Research questions

Chemical modifications occur naturally on almost all RNA subtypes, including rRNAs, tRNAs, mRNAs and small RNAs. They play important roles in RNA metabolism and gene regulation. RNA modifications are catalyzed by specialized enzymes - writers ("add" modifications) and erasers ("remove" modifications). Importantly, many RNA modifying enzymes have dysregulated expression in human disease, including cancers, neurodevelopmental disorders and mitochondria disorders. RNA modifications can be affected by endogenous or exogenous environment and metabolism to modulate gene expression output via epigenetic mechanisms.

 

Direction 1. Genomics tools to detect RNA modifications in human disease

Despite the prevalence and abundance of RNA modifications, it has been a major challenge to profile the genome-wide distribution of RNA modifications (read this recent commentary in Nature Genetics). New approaches are still being developed to tackle this important question. Epitranscriptomics, or RNA epigenetics, was named Method of the Year 2016. We use reverse transcription (RT)-specific signature from Next-Generational Sequencing (NGS) data to identify and quantify site-specific RNA modifications at base resolution. Such modification signatures were found on both protein-coding mRNAs and non-coding RNAs (tRNAs, rRNAs and small RNAs). Recently we reported global epitranscriptomic changes in bladder cancer tumor samples compared to adjacent normal samples. We will continue to apply genomics tools to identify RNA modification patterns that are altered in cancer cells, cancer tissues and biofluids with a particular focus on glioma and bladder cancers. In addition to cancer biology, we also have several ongoing collaborations on aging, neurological disorders and stress biology

 

Direction 2. Substrates and molecular functions of RNA-modifying enzymes

Many RNA-modifying enzymes have dysregulated expression in human disease, including cancers, neurological disorders and mitochondria disorders.
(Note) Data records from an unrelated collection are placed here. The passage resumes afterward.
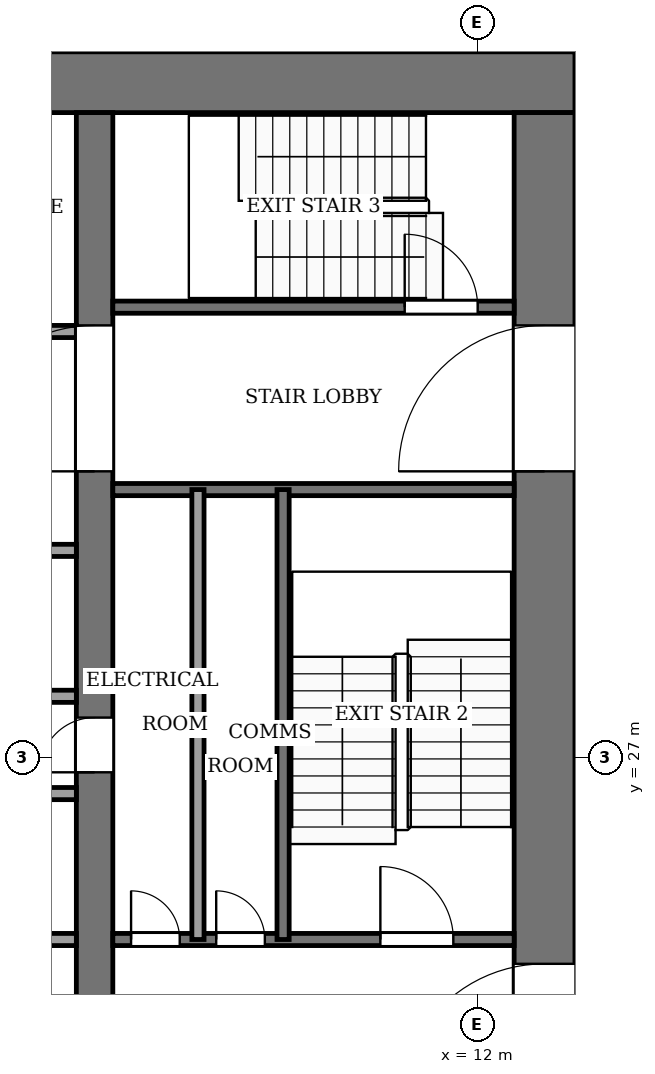
"""IFC4 building model, lengths in metres.
Left out: names, types, materials, properties, quantities, classifications, styles, units other than length and angle.
Written with IfcOpenShell. Run it as: python <this file> out.ifc"""

import sys

from ifc_helpers import new_model, si_unit, direction, frame, frame_2d, origin, place, context, subcontext, project, spatial, rectangle, extrude, element, fill, save


model = new_model("IFC4")
c1 = context("Model", 3, precision=1e-05, world=origin(), true_north=direction((0.0, 1.0)))
c2 = subcontext(c1, "Body", "Model", "MODEL_VIEW")
j1 = project(units=[si_unit("LENGTHUNIT", "METRE"), si_unit("PLANEANGLEUNIT", "RADIAN")], contexts=[c1])
p1 = place(None, origin())
s1 = spatial("IfcSite", under=j1, at=p1, CompositionType="ELEMENT")
p2 = place(p1, origin())
s2 = spatial("IfcBuilding", under=s1, at=p2, CompositionType="ELEMENT")
p3 = place(p2, frame((0.0, 0.0, 150.0)))
s3 = spatial("IfcBuildingStorey", under=s2, at=p3, CompositionType="ELEMENT", Elevation=150.0)
p4 = place(p3, frame((-13.6, 38.1, -0.13), z_axis=(0.0, 0.0, 1.0), x_axis=(1.0, 0.0, 0.0)))
e1 = element("IfcWall", 1, at=p4, inside=s3, PredefinedType="SHEAR", context=c2, shape_type="SweptSolid", body=[
    extrude(rectangle(XDim=27.2, YDim=1.0, at=frame_2d((13.6, 0.0))), origin(), (0.0, 0.0, 1.0), 4.0),
])
p5 = place(p3, frame((13.1, 18.4, -0.13), z_axis=(0.0, 0.0, 1.0), x_axis=(0.0, 1.0, 0.0)))
e2 = element("IfcWall", 2, at=p5, inside=s3, PredefinedType="SHEAR", context=c2, shape_type="SweptSolid", body=[
    extrude(rectangle(XDim=19.2, YDim=1.0, at=frame_2d((9.6, 0.0))), origin(), (0.0, 0.0, 1.0), 4.0),
])
p6 = place(p5, frame((2.8, 0.0, 0.13)))
e3 = element("IfcOpeningElement", 3, at=p6, cuts=e2, PredefinedType="OPENING", context=c2, shape_type="SweptSolid", body=[
    extrude(rectangle(XDim=2.4, YDim=2.4, at=frame_2d((1.2, 1.2))), frame((0.0, 0.51, 0.0), z_axis=(0.0, -1.0, 0.0), x_axis=(1.0, 0.0, 0.0)), (0.0, 0.0, 1.0), 1.02),
])
p7 = place(p5, frame((13.3, 0.0, 0.13)))
e4 = element("IfcOpeningElement", 4, at=p7, cuts=e2, PredefinedType="OPENING", context=c2, shape_type="SweptSolid", body=[
    extrude(rectangle(XDim=2.4, YDim=2.4, at=frame_2d((1.2, 1.2))), frame((0.0, 0.51, 0.0), z_axis=(0.0, -1.0, 0.0), x_axis=(1.0, 0.0, 0.0)), (0.0, 0.0, 1.0), 1.02),
])
p8 = place(p3, frame((5.7, 18.4, -0.13), z_axis=(0.0, 0.0, 1.0), x_axis=(0.0, 1.0, 0.0)))
e5 = element("IfcWall", 5, at=p8, inside=s3, PredefinedType="SHEAR", context=c2, shape_type="SweptSolid", body=[
    extrude(rectangle(XDim=19.2, YDim=0.6, at=frame_2d((9.6, 0.0))), origin(), (0.0, 0.0, 1.0), 4.0),
])
p9 = place(p8, frame((8.35, 0.0, 0.13)))
e6 = element("IfcOpeningElement", 6, at=p9, cuts=e5, PredefinedType="OPENING", context=c2, shape_type="SweptSolid", body=[
    extrude(rectangle(XDim=0.9, YDim=2.1, at=frame_2d((0.45, 1.05))), frame((0.0, 0.31, 0.0), z_axis=(0.0, -1.0, 0.0), x_axis=(1.0, 0.0, 0.0)), (0.0, 0.0, 1.0), 0.62),
])
p10 = place(p8, frame((13.3, 0.0, 0.13)))
e7 = element("IfcOpeningElement", 7, at=p10, cuts=e5, PredefinedType="OPENING", context=c2, shape_type="SweptSolid", body=[
    extrude(rectangle(XDim=2.4, YDim=2.4, at=frame_2d((1.2, 1.2))), frame((0.0, 0.31, 0.0), z_axis=(0.0, -1.0, 0.0), x_axis=(1.0, 0.0, 0.0)), (0.0, 0.0, 1.0), 0.62),
])
p11 = place(p3, frame((-5.4, 24.0, 0.0), z_axis=(0.0, 0.0, 1.0), x_axis=(1.0, 0.0, 0.0)))
e8 = element("IfcWall", 8, at=p11, inside=s3, PredefinedType="PARTITIONING", context=c2, shape_type="SweptSolid", body=[
    extrude(rectangle(XDim=10.8, YDim=0.2, at=frame_2d((5.4, 0.0))), origin(), (0.0, 0.0, 1.0), 3.87),
])
p12 = place(p11, frame((0.75, 0.0, 0.0)))
e9 = element("IfcOpeningElement", 9, at=p12, cuts=e8, PredefinedType="OPENING", context=c2, shape_type="SweptSolid", body=[
    extrude(rectangle(XDim=1.2, YDim=2.2, at=frame_2d((0.6, 1.1))), frame((0.0, 0.11, 0.0), z_axis=(0.0, -1.0, 0.0), x_axis=(1.0, 0.0, 0.0)), (0.0, 0.0, 1.0), 0.22),
])
p13 = place(p11, frame((3.45, 0.0, 0.0)))
e10 = element("IfcOpeningElement", 10, at=p13, cuts=e8, PredefinedType="OPENING", context=c2, shape_type="SweptSolid", body=[
    extrude(rectangle(XDim=1.2, YDim=2.2, at=frame_2d((0.6, 1.1))), frame((0.0, 0.11, 0.0), z_axis=(0.0, -1.0, 0.0), x_axis=(1.0, 0.0, 0.0)), (0.0, 0.0, 1.0), 0.22),
])
p14 = place(p11, frame((6.15, 0.0, 0.0)))
e11 = element("IfcOpeningElement", 11, at=p14, cuts=e8, PredefinedType="OPENING", context=c2, shape_type="SweptSolid", body=[
    extrude(rectangle(XDim=1.2, YDim=2.2, at=frame_2d((0.6, 1.1))), frame((0.0, 0.11, 0.0), z_axis=(0.0, -1.0, 0.0), x_axis=(1.0, 0.0, 0.0)), (0.0, 0.0, 1.0), 0.22),
])
p15 = place(p11, frame((8.85, 0.0, 0.0)))
e12 = element("IfcOpeningElement", 12, at=p15, cuts=e8, PredefinedType="OPENING", context=c2, shape_type="SweptSolid", body=[
    extrude(rectangle(XDim=1.2, YDim=2.2, at=frame_2d((0.6, 1.1))), frame((0.0, 0.11, 0.0), z_axis=(0.0, -1.0, 0.0), x_axis=(1.0, 0.0, 0.0)), (0.0, 0.0, 1.0), 0.22),
])
p16 = place(p3, frame((6.0, 24.0, 0.0), z_axis=(0.0, 0.0, 1.0), x_axis=(1.0, 0.0, 0.0)))
e13 = element("IfcWall", 13, at=p16, inside=s3, PredefinedType="PARTITIONING", context=c2, shape_type="SweptSolid", body=[
    extrude(rectangle(XDim=6.6, YDim=0.2, at=frame_2d((3.3, 0.0))), origin(), (0.0, 0.0, 1.0), 3.87),
])
p17 = place(p16, frame((0.3, 0.0, 0.0)))
e14 = element("IfcOpeningElement", 14, at=p17, cuts=e13, PredefinedType="OPENING", context=c2, shape_type="SweptSolid", body=[
    extrude(rectangle(XDim=0.8, YDim=2.1, at=frame_2d((0.4, 1.05))), frame((0.0, 0.11, 0.0), z_axis=(0.0, -1.0, 0.0), x_axis=(1.0, 0.0, 0.0)), (0.0, 0.0, 1.0), 0.22),
])
p18 = place(p16, frame((1.7, 0.0, 0.0)))
e15 = element("IfcOpeningElement", 15, at=p18, cuts=e13, PredefinedType="OPENING", context=c2, shape_type="SweptSolid", body=[
    extrude(rectangle(XDim=0.8, YDim=2.1, at=frame_2d((0.4, 1.05))), frame((0.0, 0.11, 0.0), z_axis=(0.0, -1.0, 0.0), x_axis=(1.0, 0.0, 0.0)), (0.0, 0.0, 1.0), 0.22),
])
p19 = place(p16, frame((4.4, 0.0, 0.0)))
e16 = element("IfcOpeningElement", 16, at=p19, cuts=e13, PredefinedType="OPENING", context=c2, shape_type="SweptSolid", body=[
    extrude(rectangle(XDim=1.2, YDim=2.2, at=frame_2d((0.6, 1.1))), frame((0.0, 0.11, 0.0), z_axis=(0.0, -1.0, 0.0), x_axis=(1.0, 0.0, 0.0)), (0.0, 0.0, 1.0), 0.22),
])
for number, where, z_axis, x_axis in (
    (17, (-5.4, 26.4, 0.0), (0.0, 0.0, 1.0), (1.0, 0.0, 0.0)),
    (18, (-5.4, 28.0, 0.0), (0.0, 0.0, 1.0), (1.0, 0.0, 0.0)),
    (19, (-5.4, 30.4, 0.0), (0.0, 0.0, 1.0), (1.0, 0.0, 0.0)),
):
    element("IfcWall", number, at=place(p3, frame(where, z_axis=z_axis, x_axis=x_axis)), inside=s3, PredefinedType="PARTITIONING", context=c2, shape_type="SweptSolid", body=[
        extrude(rectangle(XDim=10.8, YDim=0.2, at=frame_2d((5.4, 0.0))), origin(), (0.0, 0.0, 1.0), 3.87),
    ])
p20 = place(p3, frame((6.0, 31.4, 0.0), z_axis=(0.0, 0.0, 1.0), x_axis=(1.0, 0.0, 0.0)))
e20 = element("IfcWall", 20, at=p20, inside=s3, PredefinedType="PARTITIONING", context=c2, shape_type="SweptSolid", body=[
    extrude(rectangle(XDim=6.6, YDim=0.2, at=frame_2d((3.3, 0.0))), origin(), (0.0, 0.0, 1.0), 3.87),
])
p21 = place(p3, frame((-5.4, 34.0, 0.0), z_axis=(0.0, 0.0, 1.0), x_axis=(1.0, 0.0, 0.0)))
e21 = element("IfcWall", 21, at=p21, inside=s3, PredefinedType="PARTITIONING", context=c2, shape_type="SweptSolid", body=[
    extrude(rectangle(XDim=10.8, YDim=0.2, at=frame_2d((5.4, 0.0))), origin(), (0.0, 0.0, 1.0), 3.87),
])
p22 = place(p21, frame((6.15, 0.0, 0.0)))
e22 = element("IfcOpeningElement", 22, at=p22, cuts=e21, PredefinedType="OPENING", context=c2, shape_type="SweptSolid", body=[
    extrude(rectangle(XDim=1.2, YDim=2.2, at=frame_2d((0.6, 1.1))), frame((0.0, 0.11, 0.0), z_axis=(0.0, -1.0, 0.0), x_axis=(1.0, 0.0, 0.0)), (0.0, 0.0, 1.0), 0.22),
])
p23 = place(p21, frame((8.95, 0.0, 0.0)))
e23 = element("IfcOpeningElement", 23, at=p23, cuts=e21, PredefinedType="OPENING", context=c2, shape_type="SweptSolid", body=[
    extrude(rectangle(XDim=1.0, YDim=2.1, at=frame_2d((0.5, 1.05))), frame((0.0, 0.11, 0.0), z_axis=(0.0, -1.0, 0.0), x_axis=(1.0, 0.0, 0.0)), (0.0, 0.0, 1.0), 0.22),
])
p24 = place(p3, frame((6.0, 34.4, 0.0), z_axis=(0.0, 0.0, 1.0), x_axis=(1.0, 0.0, 0.0)))
e24 = element("IfcWall", 24, at=p24, inside=s3, PredefinedType="PARTITIONING", context=c2, shape_type="SweptSolid", body=[
    extrude(rectangle(XDim=6.6, YDim=0.2, at=frame_2d((3.3, 0.0))), origin(), (0.0, 0.0, 1.0), 3.87),
])
p25 = place(p24, frame((4.8, 0.0, 0.0)))
e25 = element("IfcOpeningElement", 25, at=p25, cuts=e24, PredefinedType="OPENING", context=c2, shape_type="SweptSolid", body=[
    extrude(rectangle(XDim=1.2, YDim=2.2, at=frame_2d((0.6, 1.1))), frame((0.0, 0.11, 0.0), z_axis=(0.0, -1.0, 0.0), x_axis=(1.0, 0.0, 0.0)), (0.0, 0.0, 1.0), 0.22),
])
for number, where, z_axis, x_axis in (
    (26, (7.4, 24.0, 0.0), (0.0, 0.0, 1.0), (0.0, 1.0, 0.0)),
    (27, (8.8, 24.0, 0.0), (0.0, 0.0, 1.0), (0.0, 1.0, 0.0)),
):
    element("IfcWall", number, at=place(p3, frame(where, z_axis=z_axis, x_axis=x_axis)), inside=s3, PredefinedType="PARTITIONING", context=c2, shape_type="SweptSolid", body=[
        extrude(rectangle(XDim=7.4, YDim=0.2, at=frame_2d((3.7, 0.0))), origin(), (0.0, 0.0, 1.0), 3.87),
    ])
p26 = place(p17, origin())
e28 = element("IfcDoor", 28, at=p26, inside=s3, OperationType="SINGLE_SWING_RIGHT", PredefinedType="DOOR", context=c2, shape_type="SweptSolid", body=[
    extrude(rectangle(XDim=0.8, YDim=2.1, at=frame_2d((0.4, 1.05))), frame((0.0, 0.025, 0.0), z_axis=(0.0, -1.0, 0.0), x_axis=(1.0, 0.0, 0.0)), (0.0, 0.0, 1.0), 0.05),
])
fill(e14, e28)
p27 = place(p18, origin())
e29 = element("IfcDoor", 29, at=p27, inside=s3, OperationType="SINGLE_SWING_LEFT", PredefinedType="DOOR", context=c2, shape_type="SweptSolid", body=[
    extrude(rectangle(XDim=0.8, YDim=2.1, at=frame_2d((0.4, 1.05))), frame((0.0, 0.025, 0.0), z_axis=(0.0, -1.0, 0.0), x_axis=(1.0, 0.0, 0.0)), (0.0, 0.0, 1.0), 0.05),
])
fill(e15, e29)
p28 = place(p9, origin())
e30 = element("IfcDoor", 30, at=p28, inside=s3, OperationType="SINGLE_SWING_RIGHT", PredefinedType="DOOR", context=c2, shape_type="SweptSolid", body=[
    extrude(rectangle(XDim=0.9, YDim=2.1, at=frame_2d((0.45, 1.05))), frame((0.0, 0.025, 0.0), z_axis=(0.0, -1.0, 0.0), x_axis=(1.0, 0.0, 0.0)), (0.0, 0.0, 1.0), 0.05),
])
fill(e6, e30)
p29 = place(p19, origin())
e31 = element("IfcDoor", 31, at=p29, inside=s3, OperationType="SINGLE_SWING_LEFT", PredefinedType="DOOR", context=c2, shape_type="SweptSolid", body=[
    extrude(rectangle(XDim=1.2, YDim=2.2, at=frame_2d((0.6, 1.1))), frame((0.0, 0.025, 0.0), z_axis=(0.0, -1.0, 0.0), x_axis=(1.0, 0.0, 0.0)), (0.0, 0.0, 1.0), 0.05),
])
fill(e16, e31)
p30 = place(p25, origin())
e32 = element("IfcDoor", 32, at=p30, inside=s3, OperationType="SINGLE_SWING_RIGHT", PredefinedType="DOOR", context=c2, shape_type="SweptSolid", body=[
    extrude(rectangle(XDim=1.2, YDim=2.2, at=frame_2d((0.6, 1.1))), frame((0.0, 0.025, 0.0), z_axis=(0.0, -1.0, 0.0), x_axis=(1.0, 0.0, 0.0)), (0.0, 0.0, 1.0), 0.05),
])
fill(e25, e32)
p31 = place(p10, origin())
e33 = element("IfcDoor", 33, at=p31, inside=s3, OperationType="DOUBLE_DOOR_SINGLE_SWING", PredefinedType="DOOR", context=c2, shape_type="SweptSolid", body=[
    extrude(rectangle(XDim=2.4, YDim=2.4, at=frame_2d((1.2, 1.2))), frame((0.0, 0.025, 0.0), z_axis=(0.0, -1.0, 0.0), x_axis=(1.0, 0.0, 0.0)), (0.0, 0.0, 1.0), 0.05),
])
fill(e7, e33)
p32 = place(p6, origin())
e34 = element("IfcDoor", 34, at=p32, inside=s3, OperationType="DOUBLE_DOOR_SINGLE_SWING", PredefinedType="DOOR", context=c2, shape_type="SweptSolid", body=[
    extrude(rectangle(XDim=2.4, YDim=2.4, at=frame_2d((1.2, 1.2))), frame((0.0, 0.025, 0.0), z_axis=(0.0, -1.0, 0.0), x_axis=(1.0, 0.0, 0.0)), (0.0, 0.0, 1.0), 0.05),
])
fill(e3, e34)
p33 = place(p7, origin())
e35 = element("IfcDoor", 35, at=p33, inside=s3, OperationType="DOUBLE_DOOR_SINGLE_SWING", PredefinedType="DOOR", context=c2, shape_type="SweptSolid", body=[
    extrude(rectangle(XDim=2.4, YDim=2.4, at=frame_2d((1.2, 1.2))), frame((0.0, 0.025, 0.0), z_axis=(0.0, -1.0, 0.0), x_axis=(1.0, 0.0, 0.0)), (0.0, 0.0, 1.0), 0.05),
])
fill(e4, e35)
save(model, sys.argv[1])

However, a huge number of RNA-modifying enzymes have not yet been studied or identified in humans. In addition, we also do not fully understand the molecular function of RNA modifications on specific RNA molecules. To begin understanding the disease-relevant RNA-modifying enzymes, it will be important to investigate (1) whether dysregulated expression of RNA-modifying enzymes leads to altered RNA modifications, (2) how specific RNA substrates are recognized by the RNA-modifying enzymes, (3) how RNA modification affects RNA metabolism on specific RNA substrates, (4) whether and how RNA metabolism contributes to the pathogenesis. Addressing these questions will provide rationale and mechanistic basis for targeting RNA-modifying enzymes as therapeutic targets. For example, we recently found the writer enzyme TRMT6/61A and its enzymatic product 1-methyladenosine is up-regulated in bladder cancers and affects gene-silencing activity of small RNAs, which contributes to global gene regulation and unfolded protein response that is important for cancer cells to survive. 

 

Direction 3. tRNA (transfer RNA) homeostasis and proteostasis

tRNA (transfer RNA) is the adaptor molecule in translating mRNA into protein. tRNAs represent remarkable examples for RNA modification research: each tRNA harbors ~ 13 RNA modifications per molecule. Interestingly, tRNAs also have non-canonical functions outside of their role in protein synthesis (read this review article from Annual Review of Genetics). One example of the non-canonical functions is that tRNAs give rise to tRNA-derived fragments (tRFs) with similar size and function as microRNAs. We are curious about the balance between canonical vs non-canonical functions of tRNAs and how RNA modification plays a role in this homeostasis. In addition, tRNAs have great potential in therapeutics to overcome mistranslation (error in protein synthesis) in many human diseases (read this recent review from Nature Biotechnology).